Rabu, 04 Juli 2018

I Love You - Ay Laf Yu

Sepatu-sepatu di rak tampak jarang. Bau sunyi menyergap ketika kubuka pintu toshokan. Lega rasanya karena pojok favorit dekat jendela timur hari ini tak berpenghuni. Apalagi sunggingan selamat pagiku berhasil membuat si penjaga tersenyum. Senyum yang mungkin hanya muncul satu abad sekali darinya.

"Tugas kanji?" wajah muramnya sedikit berekspresi, membalas senyumku.

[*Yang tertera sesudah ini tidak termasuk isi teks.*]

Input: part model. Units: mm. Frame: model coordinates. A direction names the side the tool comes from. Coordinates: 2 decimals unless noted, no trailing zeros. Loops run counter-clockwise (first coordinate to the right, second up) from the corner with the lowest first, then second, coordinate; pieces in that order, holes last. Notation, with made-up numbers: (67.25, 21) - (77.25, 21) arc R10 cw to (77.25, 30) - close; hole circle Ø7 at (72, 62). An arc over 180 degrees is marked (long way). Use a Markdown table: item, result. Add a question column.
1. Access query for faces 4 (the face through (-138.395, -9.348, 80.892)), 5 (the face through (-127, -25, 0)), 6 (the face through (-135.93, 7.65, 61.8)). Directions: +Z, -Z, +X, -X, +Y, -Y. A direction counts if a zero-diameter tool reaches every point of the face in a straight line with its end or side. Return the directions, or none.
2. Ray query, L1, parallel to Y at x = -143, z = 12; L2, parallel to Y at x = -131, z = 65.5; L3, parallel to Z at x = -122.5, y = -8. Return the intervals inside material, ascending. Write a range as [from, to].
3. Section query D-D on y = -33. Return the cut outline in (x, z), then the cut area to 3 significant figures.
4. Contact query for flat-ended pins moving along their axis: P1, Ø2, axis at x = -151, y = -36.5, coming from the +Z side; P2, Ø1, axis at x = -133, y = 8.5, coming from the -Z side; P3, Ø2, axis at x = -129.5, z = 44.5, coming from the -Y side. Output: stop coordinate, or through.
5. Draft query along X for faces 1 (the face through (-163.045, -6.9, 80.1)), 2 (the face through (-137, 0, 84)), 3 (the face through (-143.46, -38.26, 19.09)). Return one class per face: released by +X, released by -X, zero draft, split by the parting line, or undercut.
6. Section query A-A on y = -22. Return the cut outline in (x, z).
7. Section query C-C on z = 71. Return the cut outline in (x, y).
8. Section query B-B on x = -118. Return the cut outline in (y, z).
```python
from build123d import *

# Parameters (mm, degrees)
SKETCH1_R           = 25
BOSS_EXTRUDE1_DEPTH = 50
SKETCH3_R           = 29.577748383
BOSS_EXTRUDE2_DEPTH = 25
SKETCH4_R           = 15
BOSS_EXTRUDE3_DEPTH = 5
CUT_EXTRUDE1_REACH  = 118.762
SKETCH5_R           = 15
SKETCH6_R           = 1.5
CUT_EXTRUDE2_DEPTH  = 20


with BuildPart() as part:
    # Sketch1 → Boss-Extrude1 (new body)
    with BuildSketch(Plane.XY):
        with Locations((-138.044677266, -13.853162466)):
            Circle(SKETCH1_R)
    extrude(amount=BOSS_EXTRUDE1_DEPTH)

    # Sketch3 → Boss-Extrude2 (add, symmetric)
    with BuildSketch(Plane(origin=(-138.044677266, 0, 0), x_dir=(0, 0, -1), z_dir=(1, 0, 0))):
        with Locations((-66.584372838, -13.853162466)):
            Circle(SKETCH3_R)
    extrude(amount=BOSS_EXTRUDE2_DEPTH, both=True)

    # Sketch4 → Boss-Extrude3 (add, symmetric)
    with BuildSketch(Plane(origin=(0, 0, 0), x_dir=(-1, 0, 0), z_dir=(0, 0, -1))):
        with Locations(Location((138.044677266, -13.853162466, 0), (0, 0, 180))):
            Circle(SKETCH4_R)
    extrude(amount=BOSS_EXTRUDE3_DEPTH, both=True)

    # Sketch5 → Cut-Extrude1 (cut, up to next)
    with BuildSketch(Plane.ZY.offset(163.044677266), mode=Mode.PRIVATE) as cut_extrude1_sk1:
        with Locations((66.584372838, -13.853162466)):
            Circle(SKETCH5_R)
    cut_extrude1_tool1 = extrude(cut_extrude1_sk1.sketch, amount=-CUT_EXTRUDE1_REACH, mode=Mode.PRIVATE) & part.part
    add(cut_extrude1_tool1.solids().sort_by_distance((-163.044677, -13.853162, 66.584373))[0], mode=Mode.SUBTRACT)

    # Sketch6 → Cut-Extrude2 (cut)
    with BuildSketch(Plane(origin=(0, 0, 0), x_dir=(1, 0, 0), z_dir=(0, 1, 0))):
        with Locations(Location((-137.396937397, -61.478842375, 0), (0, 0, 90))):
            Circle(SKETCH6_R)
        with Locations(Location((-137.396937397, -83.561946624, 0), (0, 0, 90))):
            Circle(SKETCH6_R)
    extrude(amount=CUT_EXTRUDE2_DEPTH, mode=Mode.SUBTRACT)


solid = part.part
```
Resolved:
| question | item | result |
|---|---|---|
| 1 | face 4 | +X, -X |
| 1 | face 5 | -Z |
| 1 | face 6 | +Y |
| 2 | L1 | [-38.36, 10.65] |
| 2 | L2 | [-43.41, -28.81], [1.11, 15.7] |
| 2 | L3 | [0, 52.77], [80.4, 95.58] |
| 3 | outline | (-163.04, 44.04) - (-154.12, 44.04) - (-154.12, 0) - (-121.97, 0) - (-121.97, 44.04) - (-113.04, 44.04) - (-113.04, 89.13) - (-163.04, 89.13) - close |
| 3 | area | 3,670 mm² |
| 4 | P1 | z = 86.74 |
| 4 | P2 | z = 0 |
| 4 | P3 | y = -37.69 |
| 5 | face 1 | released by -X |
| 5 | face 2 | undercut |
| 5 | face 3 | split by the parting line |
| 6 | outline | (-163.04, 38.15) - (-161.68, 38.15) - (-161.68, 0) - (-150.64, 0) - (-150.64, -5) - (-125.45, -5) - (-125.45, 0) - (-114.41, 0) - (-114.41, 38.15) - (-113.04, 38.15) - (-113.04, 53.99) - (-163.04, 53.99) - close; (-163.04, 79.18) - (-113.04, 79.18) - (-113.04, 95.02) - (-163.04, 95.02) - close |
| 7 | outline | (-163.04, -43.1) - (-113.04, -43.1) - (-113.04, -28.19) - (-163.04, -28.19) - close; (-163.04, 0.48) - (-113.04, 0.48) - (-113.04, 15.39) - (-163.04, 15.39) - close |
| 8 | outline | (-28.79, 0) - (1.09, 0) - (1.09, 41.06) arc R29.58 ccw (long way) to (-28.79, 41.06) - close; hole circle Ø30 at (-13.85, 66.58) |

"Yups!" kamus kanji yang kuangkat ke udara membuatnya puas.

Bergegas kupenuhi pojokan 'romantis' itu dengan tumpukan buku. Tugas kali ini berhasil membuat sel-sel di otak berproduksi lebih. Dua rekan kelompokku, seperti biasa hanya berfungsi sebagai 'cheerleader' saja.

"soriii gue telat!" wajah secantik Julia Robert tiba-tiba muncul.

Kuberikan cengiran kuda terlebar pada sang artis gadungan. "Satu point telat lagi, Elu dapet tambahan nerjemahin!"

"Weks! Si Ilham aja kaga pernah diprotes. Pilih kasih ah!" Krista memberengut.

Seolah mendengar perkataan Krista, cowok berkacamata itu muncul. Aura toshokan mendadak bersemu 'pink'. Para jomblowati sontak merubah pose duduknya, mulai menebar kode 'sapa aku'.

Aku tak pernah paham, apa yang dilihat mereka pada diri Ilham. Seperti hari ini, dengan kemeja hitamnya ia tampak biasa saja. Kerah atasnya yang tak terkancing sama sekali tak tampak seksi. Memang kuakui postur tubuhnya sempurna. Tinggi dan berisi. Tapi itu tak aneh, karena Ilham memang pemain basket. Mungkin hanya isi kepalanya saja yang membuatnya spesial di mataku.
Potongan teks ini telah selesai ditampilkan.